Ball

El tesoro estaba ahí, cerquita

Los grandes creen que la riqueza vive en el dinero, en el poder o en el modelo de auto que tengan. Este pibe la vivía en el lugar de sus sueños, con una pelota o con un simple gesto de sus jugadores preferidos. Con los años la nostalgia golpea la puerta y lo hace entrar a un mundo -casi- de fantasía.

Carlos era un chico más de 6 años. De una familia normal de clase media que subsistía, como podía, a la situación socioeconómica del país. Desde que nació por su sangre pasaban cuatro colores: el rojo y el negro, el azul y oro. Siempre fue hincha del Club Deportivo Independencia y de Boca Juniors.

Jugaba al fútbol, mucho, con sus amigos. También iba a la escuelita del club, su club. Esa canchita, de alfombra, que raspaba hasta las uñas cuando alguno se caía. Los martes a las seis era la cita; se sentaba en la línea de mitad de cancha, esperaba al profe y después era la hora de patear (patear y patear) esa bendita pelota que lo embobaba. ¡Si habrá hecho amigos ahí dentro! Muchísimos pibes iguales a él que también iban a patear una y otra vez; que también iban a ser felices. Que, al igual que él, decían: “la lleva Auzmendi, ahí va el Cabo, patea y ¡goooooool de Independencia!“.

Casi siempre iba a la cancha. A veces solo, a veces con algún vecino del barrio, otras veces con su papá. Ese equipo lo enamoraba, la hinchada también. De tanto ganar, el Club Deportivo Independencia tuvo la chance de jugar un torneo nacional, y le fue muy bien -¿Cómo no le iba a ir bien si tenía un equipo de la puta madre?-. Llegó lejos, muy lejos. No sólo en el certamen.

Aunque en esa época la economía no era la mejor y la riqueza no abundaba -salvo en algunos sectores-, ese muchachito la encontraba en ese predio pegadito a las vías del tren. Ahí, en ese lugar, no necesitaba más que unos cuantos gritos de la vieja Alicia y unos lindos goles de los colores de su alma. Las incontables veces que sintió una gran felicidad al entrar a la cancha de la mano del número 5, cuando toda la hinchada gritaba y festejaba la salida del equipo, hicieron de esos momentos algo único.

Una tarde, como otra de aquellas de domingo, cruzando la vía llegó al mundo. Era otra travesía por los torneos argentinos.
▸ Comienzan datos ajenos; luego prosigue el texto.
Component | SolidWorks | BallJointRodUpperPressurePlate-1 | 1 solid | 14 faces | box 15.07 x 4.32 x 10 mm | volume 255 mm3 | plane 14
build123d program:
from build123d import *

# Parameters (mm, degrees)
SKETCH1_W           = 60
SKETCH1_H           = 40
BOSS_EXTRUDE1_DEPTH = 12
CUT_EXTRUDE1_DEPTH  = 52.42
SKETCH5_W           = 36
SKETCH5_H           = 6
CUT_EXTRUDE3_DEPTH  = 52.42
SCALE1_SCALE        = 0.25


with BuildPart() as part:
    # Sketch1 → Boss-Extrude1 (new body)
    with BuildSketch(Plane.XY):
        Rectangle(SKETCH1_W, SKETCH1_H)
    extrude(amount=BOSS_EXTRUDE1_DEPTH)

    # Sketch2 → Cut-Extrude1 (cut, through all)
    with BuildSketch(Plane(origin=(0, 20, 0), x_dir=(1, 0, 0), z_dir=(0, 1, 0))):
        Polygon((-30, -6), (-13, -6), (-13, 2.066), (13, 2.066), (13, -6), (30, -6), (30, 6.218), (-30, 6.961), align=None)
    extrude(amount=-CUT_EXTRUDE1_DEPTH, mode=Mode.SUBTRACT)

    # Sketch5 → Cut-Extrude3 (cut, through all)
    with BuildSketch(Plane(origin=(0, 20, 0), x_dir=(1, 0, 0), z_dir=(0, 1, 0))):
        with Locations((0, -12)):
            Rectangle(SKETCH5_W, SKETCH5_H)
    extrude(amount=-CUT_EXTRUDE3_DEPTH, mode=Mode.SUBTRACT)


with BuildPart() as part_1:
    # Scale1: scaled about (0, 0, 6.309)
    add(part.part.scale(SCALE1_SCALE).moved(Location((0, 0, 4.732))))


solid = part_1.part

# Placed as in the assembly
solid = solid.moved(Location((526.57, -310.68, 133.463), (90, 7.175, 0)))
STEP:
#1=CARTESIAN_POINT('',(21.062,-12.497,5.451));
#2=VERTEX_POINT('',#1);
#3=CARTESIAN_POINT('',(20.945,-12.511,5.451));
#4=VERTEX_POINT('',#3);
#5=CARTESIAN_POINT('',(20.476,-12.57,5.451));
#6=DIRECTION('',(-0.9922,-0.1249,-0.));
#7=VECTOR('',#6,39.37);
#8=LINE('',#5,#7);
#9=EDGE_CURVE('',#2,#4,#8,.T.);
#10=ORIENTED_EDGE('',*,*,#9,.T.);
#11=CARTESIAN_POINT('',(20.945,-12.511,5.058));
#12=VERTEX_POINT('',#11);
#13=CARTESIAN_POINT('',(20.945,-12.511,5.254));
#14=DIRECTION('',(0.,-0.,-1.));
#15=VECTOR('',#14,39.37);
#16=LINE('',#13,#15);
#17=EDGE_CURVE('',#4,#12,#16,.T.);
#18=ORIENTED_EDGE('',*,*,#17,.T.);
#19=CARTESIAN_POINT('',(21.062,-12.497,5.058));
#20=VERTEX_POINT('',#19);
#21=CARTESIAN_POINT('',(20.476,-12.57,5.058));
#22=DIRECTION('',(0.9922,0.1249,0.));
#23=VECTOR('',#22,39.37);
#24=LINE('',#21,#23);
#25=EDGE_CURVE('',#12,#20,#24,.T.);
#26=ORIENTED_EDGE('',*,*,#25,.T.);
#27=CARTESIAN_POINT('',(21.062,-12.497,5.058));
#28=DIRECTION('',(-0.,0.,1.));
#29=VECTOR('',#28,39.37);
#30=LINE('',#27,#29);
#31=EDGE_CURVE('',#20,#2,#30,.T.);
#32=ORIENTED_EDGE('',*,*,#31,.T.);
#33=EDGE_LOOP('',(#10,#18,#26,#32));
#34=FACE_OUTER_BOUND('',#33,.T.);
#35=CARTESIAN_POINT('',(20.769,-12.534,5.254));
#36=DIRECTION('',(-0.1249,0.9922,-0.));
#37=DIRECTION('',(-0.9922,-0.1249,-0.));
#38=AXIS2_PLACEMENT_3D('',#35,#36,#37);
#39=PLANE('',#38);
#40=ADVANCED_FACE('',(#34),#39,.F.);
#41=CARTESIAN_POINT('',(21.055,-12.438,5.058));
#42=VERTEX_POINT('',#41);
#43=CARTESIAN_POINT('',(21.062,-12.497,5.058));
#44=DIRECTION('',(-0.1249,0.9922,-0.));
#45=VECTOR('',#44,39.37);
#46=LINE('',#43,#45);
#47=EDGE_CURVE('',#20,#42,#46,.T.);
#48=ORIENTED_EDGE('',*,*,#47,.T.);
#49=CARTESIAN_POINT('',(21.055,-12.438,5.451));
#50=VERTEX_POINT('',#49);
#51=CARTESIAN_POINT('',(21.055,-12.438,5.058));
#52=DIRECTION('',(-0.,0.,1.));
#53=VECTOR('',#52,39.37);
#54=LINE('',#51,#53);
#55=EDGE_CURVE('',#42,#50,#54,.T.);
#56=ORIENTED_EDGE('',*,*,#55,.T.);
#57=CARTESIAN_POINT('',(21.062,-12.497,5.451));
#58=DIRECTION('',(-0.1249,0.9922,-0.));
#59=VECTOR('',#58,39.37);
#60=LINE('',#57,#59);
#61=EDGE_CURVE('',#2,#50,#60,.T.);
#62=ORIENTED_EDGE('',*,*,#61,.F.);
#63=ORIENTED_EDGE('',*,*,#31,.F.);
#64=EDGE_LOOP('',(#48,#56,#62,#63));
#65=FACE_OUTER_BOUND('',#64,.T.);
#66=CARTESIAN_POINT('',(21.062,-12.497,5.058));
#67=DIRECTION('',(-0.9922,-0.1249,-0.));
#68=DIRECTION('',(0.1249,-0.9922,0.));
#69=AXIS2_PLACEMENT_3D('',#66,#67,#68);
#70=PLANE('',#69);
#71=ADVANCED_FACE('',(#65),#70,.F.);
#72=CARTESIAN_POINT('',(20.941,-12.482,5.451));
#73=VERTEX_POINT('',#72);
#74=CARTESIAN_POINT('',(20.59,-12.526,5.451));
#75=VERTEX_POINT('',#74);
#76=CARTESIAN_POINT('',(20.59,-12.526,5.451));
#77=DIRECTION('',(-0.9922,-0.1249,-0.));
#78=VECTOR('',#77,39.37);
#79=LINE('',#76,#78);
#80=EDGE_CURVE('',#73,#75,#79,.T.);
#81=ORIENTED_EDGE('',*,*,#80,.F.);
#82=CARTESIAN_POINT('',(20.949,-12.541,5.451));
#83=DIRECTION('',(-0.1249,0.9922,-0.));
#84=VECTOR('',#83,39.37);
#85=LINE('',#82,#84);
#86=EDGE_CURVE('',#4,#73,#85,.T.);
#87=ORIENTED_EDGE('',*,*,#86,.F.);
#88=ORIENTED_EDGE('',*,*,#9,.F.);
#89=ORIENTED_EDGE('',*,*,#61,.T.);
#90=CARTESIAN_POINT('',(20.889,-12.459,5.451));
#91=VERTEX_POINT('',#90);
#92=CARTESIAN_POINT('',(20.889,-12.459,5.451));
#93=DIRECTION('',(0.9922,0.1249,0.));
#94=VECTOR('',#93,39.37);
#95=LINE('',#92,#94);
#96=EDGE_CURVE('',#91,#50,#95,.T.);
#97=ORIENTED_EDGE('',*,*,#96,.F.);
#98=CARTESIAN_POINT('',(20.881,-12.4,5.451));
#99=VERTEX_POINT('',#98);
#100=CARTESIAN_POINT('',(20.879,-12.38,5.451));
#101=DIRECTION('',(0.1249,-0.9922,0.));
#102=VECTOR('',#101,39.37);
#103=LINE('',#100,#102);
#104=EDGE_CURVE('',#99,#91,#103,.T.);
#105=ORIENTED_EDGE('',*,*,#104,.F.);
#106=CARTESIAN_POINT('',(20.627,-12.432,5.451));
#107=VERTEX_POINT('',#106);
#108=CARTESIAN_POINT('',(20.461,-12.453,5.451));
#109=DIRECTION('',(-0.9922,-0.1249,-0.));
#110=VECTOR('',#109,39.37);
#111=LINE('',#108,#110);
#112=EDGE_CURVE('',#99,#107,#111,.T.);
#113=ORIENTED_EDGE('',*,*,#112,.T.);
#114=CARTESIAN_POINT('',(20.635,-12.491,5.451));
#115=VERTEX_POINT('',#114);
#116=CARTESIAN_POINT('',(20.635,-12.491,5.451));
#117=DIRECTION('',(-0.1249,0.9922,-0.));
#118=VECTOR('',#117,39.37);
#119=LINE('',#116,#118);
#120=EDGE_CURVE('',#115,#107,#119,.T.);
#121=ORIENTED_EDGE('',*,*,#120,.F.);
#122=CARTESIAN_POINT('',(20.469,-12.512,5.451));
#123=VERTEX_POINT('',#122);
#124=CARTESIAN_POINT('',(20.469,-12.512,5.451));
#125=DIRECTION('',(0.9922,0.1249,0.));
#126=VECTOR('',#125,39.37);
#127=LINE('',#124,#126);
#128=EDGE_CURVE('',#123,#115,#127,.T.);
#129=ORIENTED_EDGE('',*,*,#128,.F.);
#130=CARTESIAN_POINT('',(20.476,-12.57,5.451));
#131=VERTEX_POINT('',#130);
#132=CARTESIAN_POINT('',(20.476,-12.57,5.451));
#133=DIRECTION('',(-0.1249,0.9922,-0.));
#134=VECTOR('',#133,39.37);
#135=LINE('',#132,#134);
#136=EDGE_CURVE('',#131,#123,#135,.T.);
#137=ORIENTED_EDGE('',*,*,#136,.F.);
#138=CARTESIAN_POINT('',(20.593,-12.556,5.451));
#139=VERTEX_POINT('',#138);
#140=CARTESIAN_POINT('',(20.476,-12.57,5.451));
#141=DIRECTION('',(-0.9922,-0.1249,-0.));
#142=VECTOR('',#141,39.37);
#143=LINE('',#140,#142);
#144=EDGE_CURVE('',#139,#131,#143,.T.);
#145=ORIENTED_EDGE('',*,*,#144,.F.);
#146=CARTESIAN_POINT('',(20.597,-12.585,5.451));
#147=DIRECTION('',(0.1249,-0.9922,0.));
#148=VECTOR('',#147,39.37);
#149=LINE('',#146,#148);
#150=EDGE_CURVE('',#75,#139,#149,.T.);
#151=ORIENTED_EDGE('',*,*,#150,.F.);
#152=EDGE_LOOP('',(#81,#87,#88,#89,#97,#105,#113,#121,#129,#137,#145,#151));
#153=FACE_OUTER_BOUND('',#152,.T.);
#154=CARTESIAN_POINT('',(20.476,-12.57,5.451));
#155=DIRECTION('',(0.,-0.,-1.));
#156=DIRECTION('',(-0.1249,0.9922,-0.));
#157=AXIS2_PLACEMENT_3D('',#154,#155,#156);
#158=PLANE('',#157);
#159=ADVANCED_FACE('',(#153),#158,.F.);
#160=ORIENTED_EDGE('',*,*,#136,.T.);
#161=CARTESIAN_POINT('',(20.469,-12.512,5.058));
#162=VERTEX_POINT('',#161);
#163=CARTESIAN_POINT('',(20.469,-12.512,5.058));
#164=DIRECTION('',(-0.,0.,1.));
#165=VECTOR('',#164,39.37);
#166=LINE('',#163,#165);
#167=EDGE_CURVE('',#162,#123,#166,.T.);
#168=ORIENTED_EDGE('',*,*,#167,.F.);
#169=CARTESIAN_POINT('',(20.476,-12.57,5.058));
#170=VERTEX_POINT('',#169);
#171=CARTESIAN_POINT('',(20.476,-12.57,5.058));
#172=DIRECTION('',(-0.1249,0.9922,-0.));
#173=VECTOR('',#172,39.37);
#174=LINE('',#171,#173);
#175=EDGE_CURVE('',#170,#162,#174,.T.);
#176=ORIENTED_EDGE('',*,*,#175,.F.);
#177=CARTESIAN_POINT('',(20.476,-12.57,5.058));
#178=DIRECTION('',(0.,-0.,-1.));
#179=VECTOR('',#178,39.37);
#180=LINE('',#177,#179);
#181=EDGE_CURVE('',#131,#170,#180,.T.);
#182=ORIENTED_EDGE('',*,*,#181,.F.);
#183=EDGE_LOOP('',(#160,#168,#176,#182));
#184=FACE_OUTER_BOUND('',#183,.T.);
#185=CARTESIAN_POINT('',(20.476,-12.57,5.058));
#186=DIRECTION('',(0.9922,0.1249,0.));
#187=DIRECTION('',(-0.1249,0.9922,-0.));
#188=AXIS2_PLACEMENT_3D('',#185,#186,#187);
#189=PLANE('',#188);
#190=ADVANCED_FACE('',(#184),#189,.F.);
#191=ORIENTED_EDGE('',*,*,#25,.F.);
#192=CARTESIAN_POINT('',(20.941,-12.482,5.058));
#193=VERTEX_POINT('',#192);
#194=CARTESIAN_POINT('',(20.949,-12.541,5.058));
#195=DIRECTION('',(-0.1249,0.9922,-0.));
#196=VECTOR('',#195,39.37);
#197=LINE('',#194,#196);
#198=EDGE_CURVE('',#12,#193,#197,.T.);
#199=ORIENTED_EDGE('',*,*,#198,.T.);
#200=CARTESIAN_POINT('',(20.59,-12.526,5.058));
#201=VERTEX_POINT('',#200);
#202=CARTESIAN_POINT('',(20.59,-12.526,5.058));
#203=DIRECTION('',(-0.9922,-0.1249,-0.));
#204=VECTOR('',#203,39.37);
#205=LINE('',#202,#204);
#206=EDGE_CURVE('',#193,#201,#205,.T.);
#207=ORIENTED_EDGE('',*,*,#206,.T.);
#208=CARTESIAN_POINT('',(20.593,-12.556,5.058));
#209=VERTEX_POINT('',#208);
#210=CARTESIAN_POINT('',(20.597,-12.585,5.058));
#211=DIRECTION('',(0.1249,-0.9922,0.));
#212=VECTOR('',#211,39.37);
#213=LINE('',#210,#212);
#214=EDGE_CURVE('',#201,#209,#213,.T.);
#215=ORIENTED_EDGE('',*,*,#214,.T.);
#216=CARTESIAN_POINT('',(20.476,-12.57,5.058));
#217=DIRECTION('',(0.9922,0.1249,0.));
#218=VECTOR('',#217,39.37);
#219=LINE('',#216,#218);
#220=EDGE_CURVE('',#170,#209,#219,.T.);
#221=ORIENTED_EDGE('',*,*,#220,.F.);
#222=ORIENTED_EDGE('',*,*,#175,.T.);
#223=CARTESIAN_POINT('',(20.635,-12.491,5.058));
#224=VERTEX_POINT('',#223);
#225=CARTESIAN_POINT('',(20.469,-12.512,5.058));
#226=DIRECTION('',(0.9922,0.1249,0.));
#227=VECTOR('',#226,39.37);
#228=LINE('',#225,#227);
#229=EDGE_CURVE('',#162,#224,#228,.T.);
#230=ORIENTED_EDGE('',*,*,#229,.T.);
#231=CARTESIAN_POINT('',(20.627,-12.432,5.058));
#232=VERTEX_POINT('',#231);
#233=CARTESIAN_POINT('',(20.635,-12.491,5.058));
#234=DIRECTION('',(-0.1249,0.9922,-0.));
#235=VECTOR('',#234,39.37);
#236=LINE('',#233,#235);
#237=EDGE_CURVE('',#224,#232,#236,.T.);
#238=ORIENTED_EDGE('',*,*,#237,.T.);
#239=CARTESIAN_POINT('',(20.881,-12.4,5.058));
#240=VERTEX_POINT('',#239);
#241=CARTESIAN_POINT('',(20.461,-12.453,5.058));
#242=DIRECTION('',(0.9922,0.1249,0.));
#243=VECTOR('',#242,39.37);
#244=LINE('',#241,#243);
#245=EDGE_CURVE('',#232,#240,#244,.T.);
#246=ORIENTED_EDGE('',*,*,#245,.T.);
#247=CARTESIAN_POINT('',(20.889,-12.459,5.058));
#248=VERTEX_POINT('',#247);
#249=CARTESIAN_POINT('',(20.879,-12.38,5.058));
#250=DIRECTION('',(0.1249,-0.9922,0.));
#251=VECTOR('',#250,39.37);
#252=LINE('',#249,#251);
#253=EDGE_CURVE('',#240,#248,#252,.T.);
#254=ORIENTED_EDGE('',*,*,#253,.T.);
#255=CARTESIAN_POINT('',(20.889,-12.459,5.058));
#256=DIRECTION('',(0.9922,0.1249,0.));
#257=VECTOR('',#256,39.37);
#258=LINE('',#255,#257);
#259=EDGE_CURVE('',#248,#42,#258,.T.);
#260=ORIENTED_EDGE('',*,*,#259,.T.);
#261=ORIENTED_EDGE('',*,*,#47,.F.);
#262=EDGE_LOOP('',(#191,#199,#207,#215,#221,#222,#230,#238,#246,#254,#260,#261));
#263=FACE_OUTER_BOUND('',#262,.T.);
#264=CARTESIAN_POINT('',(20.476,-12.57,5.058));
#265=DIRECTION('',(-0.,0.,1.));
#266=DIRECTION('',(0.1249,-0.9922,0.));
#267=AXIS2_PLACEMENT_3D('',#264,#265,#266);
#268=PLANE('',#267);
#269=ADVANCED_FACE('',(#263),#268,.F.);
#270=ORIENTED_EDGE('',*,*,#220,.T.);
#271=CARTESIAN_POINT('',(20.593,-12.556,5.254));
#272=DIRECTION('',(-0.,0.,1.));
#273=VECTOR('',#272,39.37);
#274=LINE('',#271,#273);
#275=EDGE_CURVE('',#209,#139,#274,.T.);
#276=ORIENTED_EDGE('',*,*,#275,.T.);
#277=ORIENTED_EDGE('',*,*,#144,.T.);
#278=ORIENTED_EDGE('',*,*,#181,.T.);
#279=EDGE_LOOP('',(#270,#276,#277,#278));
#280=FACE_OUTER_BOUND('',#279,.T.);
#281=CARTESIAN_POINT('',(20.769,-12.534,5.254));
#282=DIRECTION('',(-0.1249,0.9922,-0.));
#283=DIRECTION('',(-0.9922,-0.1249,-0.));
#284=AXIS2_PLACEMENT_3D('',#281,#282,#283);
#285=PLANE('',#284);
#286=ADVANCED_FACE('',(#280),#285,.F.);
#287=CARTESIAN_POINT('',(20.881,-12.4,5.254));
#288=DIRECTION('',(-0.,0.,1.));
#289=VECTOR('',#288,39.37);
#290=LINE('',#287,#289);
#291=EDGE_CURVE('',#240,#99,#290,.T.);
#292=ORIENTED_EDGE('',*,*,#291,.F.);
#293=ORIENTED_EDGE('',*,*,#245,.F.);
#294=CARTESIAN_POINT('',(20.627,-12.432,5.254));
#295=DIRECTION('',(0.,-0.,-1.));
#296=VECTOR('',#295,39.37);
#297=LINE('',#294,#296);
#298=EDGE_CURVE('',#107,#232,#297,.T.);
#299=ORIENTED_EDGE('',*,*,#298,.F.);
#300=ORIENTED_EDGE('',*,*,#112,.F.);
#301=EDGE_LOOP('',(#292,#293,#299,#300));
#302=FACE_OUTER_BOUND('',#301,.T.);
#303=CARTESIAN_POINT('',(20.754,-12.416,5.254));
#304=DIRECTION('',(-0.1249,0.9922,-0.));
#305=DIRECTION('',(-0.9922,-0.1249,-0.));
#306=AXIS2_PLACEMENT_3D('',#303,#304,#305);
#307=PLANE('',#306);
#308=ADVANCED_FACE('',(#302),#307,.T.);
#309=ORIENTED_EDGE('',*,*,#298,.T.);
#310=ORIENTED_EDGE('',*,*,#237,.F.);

La tribuna techada, los tablones de madera; la hinchada, los bombos y las banderas; papelitos de diario por todos lados. La felicidad le completaba el corazón, como un abrazo de su abuela o como gritar un gol en el baldío de la esquina. El cielo no estaba celeste, como lo había visto antes de llegar, y el sol no aparecía. Todo era gris, pero lejos de presentarse la gran tormenta que pronosticaban los servicios meteorológicos, lo que tapaba el resplandor del día eran los papelitos. Como si fueran billetes para comprar la coca en el entretiempo, este niño, enfundado en la casaca rojinegra, explotaba de emoción al verlos volar. El equipo estaba en la cancha. No había mas palabras. Los bombos y redoblantes se metían en la cabeza, los gritos resonaban en toda la cancha, y la gente no dejaba ni un espacio vacío.

Empezaba otra ilusión para ese pibe que con 6 años soñaba ver a uno de los equipos de sus amores jugar con el otro club que lo enloquecía. Los Auzmendi, los Landa, los López, los Fonte; una excusa atrás de otra para creer cada vez más en esa utopía.

Ya no recuerda el resultado del partido, ni quien deformó su cara para gritar “¡GOL!”, ni siquiera si hubo expulsados. Sólo la memoria lo pincha, como los piques cortos de Manolo Auzmendi o los bombazos de Ema Landa o como los robos de Marcos López en mitad de cancha, y le dice que ahí, en ese lugar, fue inmensamente rico y feliz. Cada tanto vuelve, ya no es lo mismo.

Ahora ese pibe de 6 años se convirtió en un muchacho de 22. Ya las preocupaciones son otras. Estudiar en la facultad, tener plata a fin de mes, poder comprarse ropa, triunfar en la vida. La felicidad vive en otras cosas, no alcanza con una simple pelota. A veces se dice a sí mismo que extraña a su yo pequeño, que extraña ir al terreno de la esquina para jugar toda la tarde; que no se olvida de la canchita que raspaba hasta las uñas, mucho menos de la lluvia de papelitos.

Hoy que se preocupa más por el dinero piensa, y cree, que está perdido midiendo todo con esa vara. Hasta que el niño aparece, se instala en el cerebro, pone sus ojos para ver la vida. De golpe está sentado en la línea esperando al profe del Deportivo Independencia, entrando a la cancha de la mano del número 5, escuchando los gritos de la vieja Alicia.